Vacuum residue is
utilized by a process involving the residue cracking
and coke gasification regeneration. In this process, vacuum residue
is first converted into the products of light olefins and light oils
by catalytic cracking, and then the cracking-generated coke is gasified
into H2-rich syngas by using a bifunctional base catalyst.
Their cracking gasification effects of vacuum residue are studied
in a dual fluidized bed reactor. The results show that the solid base
catalysts could enhance light olefin yield (have high olefinicity)

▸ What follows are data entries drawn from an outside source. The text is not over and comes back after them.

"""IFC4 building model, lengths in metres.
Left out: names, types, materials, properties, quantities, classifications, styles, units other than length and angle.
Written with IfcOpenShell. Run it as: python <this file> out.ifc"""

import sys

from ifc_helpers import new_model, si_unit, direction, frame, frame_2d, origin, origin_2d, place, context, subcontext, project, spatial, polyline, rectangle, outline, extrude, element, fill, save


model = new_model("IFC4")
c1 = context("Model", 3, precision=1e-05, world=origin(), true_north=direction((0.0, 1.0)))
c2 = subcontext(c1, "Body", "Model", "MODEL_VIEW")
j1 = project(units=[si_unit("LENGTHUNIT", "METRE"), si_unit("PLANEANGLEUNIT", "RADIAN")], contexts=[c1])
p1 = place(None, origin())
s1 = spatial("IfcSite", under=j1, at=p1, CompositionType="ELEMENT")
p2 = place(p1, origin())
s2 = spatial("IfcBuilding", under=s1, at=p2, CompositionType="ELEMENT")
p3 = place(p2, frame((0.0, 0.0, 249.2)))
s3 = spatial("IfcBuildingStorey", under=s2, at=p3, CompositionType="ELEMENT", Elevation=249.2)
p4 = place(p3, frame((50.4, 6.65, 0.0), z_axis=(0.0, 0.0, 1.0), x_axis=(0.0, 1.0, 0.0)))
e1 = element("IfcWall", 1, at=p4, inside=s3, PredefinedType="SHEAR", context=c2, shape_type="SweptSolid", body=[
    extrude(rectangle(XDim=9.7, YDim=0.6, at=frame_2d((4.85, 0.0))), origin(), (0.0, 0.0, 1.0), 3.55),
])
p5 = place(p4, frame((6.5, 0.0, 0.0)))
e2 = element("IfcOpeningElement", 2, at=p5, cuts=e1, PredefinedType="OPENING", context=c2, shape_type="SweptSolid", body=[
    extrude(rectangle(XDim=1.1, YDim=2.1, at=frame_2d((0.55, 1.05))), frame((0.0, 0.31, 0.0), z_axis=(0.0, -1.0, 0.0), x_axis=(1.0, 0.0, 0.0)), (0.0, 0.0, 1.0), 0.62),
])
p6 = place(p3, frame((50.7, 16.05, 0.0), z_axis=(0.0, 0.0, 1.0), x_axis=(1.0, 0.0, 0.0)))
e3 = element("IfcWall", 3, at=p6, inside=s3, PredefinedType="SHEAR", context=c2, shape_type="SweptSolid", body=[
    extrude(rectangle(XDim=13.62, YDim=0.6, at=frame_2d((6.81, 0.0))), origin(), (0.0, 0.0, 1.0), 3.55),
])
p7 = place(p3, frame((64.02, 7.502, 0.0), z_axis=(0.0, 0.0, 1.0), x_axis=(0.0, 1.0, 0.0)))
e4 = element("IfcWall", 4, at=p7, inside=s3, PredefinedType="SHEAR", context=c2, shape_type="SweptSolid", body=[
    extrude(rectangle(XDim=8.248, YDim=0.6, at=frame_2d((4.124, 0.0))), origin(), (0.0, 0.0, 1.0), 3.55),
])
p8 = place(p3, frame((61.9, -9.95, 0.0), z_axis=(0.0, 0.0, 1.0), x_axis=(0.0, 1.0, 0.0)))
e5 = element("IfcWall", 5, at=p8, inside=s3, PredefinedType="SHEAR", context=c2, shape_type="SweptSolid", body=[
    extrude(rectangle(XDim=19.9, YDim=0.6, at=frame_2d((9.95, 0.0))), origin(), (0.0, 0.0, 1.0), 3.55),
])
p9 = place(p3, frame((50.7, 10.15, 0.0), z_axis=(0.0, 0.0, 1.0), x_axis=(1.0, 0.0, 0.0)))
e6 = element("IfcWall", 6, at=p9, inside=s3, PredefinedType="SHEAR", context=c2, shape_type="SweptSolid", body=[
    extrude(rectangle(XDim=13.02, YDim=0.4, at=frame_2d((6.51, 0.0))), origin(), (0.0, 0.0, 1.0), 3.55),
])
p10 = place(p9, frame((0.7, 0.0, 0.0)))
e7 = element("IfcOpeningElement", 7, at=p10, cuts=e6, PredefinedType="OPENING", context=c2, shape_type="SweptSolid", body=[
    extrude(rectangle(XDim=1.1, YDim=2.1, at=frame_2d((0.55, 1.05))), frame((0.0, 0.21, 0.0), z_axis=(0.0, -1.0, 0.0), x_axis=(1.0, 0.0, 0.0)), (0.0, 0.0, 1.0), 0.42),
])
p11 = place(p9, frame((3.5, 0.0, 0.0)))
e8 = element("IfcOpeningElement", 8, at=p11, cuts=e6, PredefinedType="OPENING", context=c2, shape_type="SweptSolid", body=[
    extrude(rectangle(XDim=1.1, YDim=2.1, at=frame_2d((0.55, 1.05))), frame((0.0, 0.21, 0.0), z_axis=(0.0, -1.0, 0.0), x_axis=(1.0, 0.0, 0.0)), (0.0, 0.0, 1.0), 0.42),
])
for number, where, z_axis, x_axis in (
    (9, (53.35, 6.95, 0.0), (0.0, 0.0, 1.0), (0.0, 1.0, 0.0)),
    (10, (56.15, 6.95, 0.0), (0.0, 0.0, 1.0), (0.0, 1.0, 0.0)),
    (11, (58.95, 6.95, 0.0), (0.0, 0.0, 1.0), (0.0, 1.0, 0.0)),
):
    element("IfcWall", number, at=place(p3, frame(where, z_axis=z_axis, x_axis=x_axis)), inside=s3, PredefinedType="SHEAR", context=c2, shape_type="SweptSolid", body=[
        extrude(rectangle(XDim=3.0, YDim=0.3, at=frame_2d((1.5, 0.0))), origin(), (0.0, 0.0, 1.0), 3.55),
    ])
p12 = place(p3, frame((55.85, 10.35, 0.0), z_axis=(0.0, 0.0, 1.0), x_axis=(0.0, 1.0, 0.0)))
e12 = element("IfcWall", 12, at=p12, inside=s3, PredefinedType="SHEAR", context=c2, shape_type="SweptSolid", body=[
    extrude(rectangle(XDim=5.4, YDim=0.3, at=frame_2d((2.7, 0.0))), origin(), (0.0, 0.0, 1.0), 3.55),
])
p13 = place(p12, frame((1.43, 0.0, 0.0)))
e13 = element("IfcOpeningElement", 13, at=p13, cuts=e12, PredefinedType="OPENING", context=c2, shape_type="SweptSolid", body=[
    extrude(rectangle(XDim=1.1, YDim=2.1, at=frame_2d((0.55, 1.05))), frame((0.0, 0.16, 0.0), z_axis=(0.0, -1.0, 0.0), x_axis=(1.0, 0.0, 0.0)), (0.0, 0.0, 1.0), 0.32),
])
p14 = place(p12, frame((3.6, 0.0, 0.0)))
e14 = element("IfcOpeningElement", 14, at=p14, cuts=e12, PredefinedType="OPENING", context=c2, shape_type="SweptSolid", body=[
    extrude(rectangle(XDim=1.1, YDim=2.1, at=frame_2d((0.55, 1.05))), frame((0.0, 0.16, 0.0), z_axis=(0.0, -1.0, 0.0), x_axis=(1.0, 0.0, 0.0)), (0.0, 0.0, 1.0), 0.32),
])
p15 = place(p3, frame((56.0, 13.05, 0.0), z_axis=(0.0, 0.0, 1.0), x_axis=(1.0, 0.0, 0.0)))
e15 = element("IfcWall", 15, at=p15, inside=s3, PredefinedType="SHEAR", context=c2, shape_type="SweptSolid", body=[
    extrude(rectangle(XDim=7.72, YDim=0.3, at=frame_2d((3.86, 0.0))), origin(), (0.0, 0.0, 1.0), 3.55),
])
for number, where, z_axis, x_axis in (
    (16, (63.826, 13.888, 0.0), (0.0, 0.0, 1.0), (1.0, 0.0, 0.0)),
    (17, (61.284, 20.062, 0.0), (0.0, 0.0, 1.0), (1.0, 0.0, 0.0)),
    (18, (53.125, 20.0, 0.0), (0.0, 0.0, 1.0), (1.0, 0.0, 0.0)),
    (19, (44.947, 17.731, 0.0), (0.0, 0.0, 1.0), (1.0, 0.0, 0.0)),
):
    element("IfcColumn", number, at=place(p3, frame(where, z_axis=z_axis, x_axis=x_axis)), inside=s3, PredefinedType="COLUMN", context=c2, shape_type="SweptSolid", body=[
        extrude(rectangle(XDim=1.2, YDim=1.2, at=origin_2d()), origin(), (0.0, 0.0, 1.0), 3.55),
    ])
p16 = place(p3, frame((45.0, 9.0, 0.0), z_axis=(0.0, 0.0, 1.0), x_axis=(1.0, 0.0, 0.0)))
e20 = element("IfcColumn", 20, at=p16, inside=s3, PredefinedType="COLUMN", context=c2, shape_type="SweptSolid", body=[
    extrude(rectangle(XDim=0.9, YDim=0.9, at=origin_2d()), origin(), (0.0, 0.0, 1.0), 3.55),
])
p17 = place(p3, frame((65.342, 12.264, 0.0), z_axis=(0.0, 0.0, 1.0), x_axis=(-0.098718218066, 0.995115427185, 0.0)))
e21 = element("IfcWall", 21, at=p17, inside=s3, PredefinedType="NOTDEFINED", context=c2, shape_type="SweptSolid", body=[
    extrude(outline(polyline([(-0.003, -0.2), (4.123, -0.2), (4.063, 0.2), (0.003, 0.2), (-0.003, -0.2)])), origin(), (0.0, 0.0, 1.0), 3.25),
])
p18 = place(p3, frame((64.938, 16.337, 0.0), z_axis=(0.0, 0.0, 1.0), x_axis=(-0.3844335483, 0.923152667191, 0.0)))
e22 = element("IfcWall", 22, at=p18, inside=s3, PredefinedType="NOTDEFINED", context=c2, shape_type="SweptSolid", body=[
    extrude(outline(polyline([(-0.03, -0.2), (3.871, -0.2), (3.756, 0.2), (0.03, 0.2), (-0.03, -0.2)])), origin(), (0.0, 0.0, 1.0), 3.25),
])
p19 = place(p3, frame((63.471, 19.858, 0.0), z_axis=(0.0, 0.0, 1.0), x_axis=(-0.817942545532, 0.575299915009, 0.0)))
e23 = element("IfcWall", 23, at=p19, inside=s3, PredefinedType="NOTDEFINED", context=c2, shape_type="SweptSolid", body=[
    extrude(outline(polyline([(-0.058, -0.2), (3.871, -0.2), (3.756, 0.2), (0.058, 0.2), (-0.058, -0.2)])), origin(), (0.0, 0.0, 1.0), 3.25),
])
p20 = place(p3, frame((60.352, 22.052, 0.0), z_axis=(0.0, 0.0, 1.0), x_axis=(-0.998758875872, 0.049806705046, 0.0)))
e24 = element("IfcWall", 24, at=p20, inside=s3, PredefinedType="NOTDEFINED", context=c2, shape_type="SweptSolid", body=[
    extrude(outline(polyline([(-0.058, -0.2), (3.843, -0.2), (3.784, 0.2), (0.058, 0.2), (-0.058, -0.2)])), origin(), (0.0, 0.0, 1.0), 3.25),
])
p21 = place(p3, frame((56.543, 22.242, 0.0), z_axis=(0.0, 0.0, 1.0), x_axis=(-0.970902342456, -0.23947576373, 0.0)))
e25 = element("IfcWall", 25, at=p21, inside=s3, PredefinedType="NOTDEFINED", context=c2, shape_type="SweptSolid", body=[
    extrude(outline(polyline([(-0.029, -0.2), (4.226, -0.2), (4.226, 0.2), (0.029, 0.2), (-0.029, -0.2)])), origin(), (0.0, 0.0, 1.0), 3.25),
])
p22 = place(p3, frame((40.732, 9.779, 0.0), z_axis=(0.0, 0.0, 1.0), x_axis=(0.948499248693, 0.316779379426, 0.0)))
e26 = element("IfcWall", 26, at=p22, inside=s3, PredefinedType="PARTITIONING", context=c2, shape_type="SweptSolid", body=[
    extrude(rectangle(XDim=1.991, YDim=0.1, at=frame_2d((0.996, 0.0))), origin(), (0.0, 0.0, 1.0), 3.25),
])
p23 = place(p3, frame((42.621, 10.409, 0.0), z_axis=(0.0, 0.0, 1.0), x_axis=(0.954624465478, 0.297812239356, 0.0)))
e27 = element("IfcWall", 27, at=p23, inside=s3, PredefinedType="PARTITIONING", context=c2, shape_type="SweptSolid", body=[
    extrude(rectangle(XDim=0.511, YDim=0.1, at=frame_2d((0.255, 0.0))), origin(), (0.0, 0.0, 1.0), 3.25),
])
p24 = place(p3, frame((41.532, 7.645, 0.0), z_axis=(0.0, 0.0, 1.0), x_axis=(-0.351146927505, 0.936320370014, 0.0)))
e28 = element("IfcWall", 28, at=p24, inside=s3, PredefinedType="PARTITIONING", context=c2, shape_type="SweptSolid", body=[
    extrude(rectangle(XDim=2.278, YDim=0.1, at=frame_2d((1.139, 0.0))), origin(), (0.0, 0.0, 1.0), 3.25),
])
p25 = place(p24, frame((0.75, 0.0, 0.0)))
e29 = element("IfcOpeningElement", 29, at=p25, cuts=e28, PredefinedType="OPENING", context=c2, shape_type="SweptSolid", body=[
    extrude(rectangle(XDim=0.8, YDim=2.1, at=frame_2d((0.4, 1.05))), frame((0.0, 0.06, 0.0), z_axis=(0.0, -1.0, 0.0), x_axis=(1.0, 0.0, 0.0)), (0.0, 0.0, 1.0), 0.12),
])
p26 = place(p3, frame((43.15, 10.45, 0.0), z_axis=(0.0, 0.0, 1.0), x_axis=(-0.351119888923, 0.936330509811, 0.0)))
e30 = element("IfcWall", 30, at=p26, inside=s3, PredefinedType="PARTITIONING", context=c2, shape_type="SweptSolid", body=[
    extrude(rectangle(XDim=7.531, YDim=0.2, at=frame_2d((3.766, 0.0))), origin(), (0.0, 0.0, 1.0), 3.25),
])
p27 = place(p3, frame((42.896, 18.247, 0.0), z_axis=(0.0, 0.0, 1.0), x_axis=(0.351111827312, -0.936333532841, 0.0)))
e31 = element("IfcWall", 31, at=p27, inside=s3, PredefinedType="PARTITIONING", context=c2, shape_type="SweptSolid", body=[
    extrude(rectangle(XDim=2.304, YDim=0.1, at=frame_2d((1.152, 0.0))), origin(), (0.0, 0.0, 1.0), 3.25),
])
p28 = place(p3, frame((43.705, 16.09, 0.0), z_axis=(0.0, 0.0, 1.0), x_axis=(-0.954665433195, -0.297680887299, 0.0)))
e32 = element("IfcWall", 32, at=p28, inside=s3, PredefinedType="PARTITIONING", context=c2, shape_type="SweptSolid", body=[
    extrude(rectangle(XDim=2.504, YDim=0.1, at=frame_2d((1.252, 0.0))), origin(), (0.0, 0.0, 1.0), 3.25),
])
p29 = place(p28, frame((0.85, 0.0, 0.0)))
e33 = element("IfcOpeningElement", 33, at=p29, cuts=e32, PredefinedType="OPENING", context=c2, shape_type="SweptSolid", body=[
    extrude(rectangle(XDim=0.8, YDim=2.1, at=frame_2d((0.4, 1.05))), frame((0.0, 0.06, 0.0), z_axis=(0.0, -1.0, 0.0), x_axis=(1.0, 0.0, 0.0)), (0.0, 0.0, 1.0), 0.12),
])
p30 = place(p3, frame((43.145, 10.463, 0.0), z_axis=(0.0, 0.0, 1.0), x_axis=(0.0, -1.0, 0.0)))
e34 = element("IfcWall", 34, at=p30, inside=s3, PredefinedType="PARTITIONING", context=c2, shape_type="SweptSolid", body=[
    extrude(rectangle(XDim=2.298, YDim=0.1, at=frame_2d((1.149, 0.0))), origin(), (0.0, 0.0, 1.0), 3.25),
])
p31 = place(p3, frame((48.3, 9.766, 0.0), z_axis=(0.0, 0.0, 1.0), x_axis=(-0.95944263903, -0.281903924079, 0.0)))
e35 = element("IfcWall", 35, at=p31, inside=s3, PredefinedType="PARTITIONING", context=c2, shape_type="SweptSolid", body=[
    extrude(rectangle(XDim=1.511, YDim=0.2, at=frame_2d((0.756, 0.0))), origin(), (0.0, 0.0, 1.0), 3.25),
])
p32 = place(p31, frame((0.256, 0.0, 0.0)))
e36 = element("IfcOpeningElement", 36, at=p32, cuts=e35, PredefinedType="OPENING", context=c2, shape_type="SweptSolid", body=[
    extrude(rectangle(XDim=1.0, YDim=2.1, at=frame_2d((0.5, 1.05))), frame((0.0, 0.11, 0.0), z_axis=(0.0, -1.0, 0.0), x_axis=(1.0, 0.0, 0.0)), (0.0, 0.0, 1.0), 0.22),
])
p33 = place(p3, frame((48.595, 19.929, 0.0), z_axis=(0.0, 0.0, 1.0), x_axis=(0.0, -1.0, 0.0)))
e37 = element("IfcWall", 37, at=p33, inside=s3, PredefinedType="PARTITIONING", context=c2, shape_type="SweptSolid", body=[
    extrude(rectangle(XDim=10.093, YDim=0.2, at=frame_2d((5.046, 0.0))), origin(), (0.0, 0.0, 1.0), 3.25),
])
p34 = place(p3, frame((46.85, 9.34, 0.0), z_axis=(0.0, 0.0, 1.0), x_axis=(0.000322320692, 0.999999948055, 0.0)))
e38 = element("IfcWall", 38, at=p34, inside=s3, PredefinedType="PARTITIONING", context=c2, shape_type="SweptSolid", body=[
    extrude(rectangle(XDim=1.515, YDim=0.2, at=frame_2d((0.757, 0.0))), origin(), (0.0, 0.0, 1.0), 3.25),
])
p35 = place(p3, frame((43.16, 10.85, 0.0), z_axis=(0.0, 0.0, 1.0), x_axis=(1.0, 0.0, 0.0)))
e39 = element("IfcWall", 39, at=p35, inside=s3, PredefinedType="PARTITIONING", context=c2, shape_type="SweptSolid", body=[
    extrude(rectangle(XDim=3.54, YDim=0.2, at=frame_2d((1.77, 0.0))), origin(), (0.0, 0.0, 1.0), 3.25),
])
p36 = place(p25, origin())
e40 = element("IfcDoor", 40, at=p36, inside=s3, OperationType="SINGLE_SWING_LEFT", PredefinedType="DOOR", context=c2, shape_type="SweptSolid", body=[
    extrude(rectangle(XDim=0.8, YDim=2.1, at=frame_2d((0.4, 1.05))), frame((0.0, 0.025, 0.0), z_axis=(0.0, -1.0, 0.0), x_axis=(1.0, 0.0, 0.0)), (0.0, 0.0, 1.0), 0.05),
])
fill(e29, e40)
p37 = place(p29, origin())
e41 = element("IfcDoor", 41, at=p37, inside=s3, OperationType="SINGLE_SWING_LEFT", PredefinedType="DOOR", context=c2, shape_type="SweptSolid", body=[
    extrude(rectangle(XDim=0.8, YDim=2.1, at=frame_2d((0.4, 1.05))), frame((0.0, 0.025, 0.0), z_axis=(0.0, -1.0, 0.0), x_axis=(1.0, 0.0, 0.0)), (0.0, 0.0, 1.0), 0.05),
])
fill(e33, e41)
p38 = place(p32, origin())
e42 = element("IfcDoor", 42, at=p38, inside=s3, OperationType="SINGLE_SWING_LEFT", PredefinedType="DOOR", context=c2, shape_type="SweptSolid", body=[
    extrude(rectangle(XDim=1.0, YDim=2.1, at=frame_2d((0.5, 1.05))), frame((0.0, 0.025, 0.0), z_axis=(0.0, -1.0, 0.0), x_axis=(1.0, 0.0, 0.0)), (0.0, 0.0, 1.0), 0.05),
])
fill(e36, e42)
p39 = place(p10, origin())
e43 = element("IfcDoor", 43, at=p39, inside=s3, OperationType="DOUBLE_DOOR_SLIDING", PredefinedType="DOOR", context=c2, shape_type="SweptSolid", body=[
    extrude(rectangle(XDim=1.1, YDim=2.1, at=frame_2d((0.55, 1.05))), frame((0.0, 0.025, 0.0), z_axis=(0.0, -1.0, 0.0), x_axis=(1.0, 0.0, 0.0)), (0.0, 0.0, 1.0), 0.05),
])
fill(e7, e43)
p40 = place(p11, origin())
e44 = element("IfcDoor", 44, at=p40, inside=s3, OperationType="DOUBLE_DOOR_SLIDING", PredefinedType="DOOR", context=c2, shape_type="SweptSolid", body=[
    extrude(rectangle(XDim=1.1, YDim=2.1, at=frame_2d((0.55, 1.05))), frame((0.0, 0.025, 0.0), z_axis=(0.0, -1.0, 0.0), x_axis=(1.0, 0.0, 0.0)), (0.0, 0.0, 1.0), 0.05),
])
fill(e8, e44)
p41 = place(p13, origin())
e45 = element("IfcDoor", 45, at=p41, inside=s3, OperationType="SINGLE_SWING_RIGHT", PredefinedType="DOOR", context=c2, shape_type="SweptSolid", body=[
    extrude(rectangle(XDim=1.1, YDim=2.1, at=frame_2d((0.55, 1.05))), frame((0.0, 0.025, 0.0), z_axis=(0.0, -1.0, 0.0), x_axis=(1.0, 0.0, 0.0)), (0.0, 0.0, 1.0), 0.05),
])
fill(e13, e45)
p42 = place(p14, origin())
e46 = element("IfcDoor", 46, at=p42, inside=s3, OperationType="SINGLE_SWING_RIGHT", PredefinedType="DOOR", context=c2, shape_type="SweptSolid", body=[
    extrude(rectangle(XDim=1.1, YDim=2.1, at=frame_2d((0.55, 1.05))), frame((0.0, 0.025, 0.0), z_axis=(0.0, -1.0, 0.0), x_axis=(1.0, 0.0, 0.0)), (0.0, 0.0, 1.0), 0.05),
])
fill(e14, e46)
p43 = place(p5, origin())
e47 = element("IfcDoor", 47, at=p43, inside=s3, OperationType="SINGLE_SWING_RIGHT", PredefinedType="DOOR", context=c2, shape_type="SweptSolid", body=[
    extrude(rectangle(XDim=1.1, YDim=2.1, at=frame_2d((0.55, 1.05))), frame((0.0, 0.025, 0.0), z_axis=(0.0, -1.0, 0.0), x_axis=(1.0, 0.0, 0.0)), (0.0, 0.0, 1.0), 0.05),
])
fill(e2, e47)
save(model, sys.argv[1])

and inhibit the formation of coke in comparison with silica sand and
a hydrothermal treatment zeolite catalyst (FCC catalyst). Furthermore,
the catalyst prepared at a CaO/Al2O3 molar ratio
of 12:7 displayed a better cracking effect than the one produced at
the molar ratio of 1:1. The effects of the reaction temperature and
the catalyst-to-oil ratio on the distribution of cracking liquid from
vacuum residue solid base cracking are discussed. The results showed
that the heavy oil conversion of more than 93.0%, the light oil yield
of about 81.0 wt %, the coke of ca. 5.2 wt %, and the C2–C3
olefinicity of higher than 53.0% are achieved by cracking at 700 °C
with a catalyst-to-oil ratio of 7.0. The coke over solid base catalyst
is well gasified at 800 °C in an atmosphere of steam–oxygen.
The content of H2 is about 55.5 vol % and with the CH4 content of less than 0.2 vol % in comparison with 36.6 and
2.4 vol % over the FCC catalyst, respectively. The cracking effects
of solid base catalysts are stable via a few cycles process, although
a decrease in catalytic effect is observed.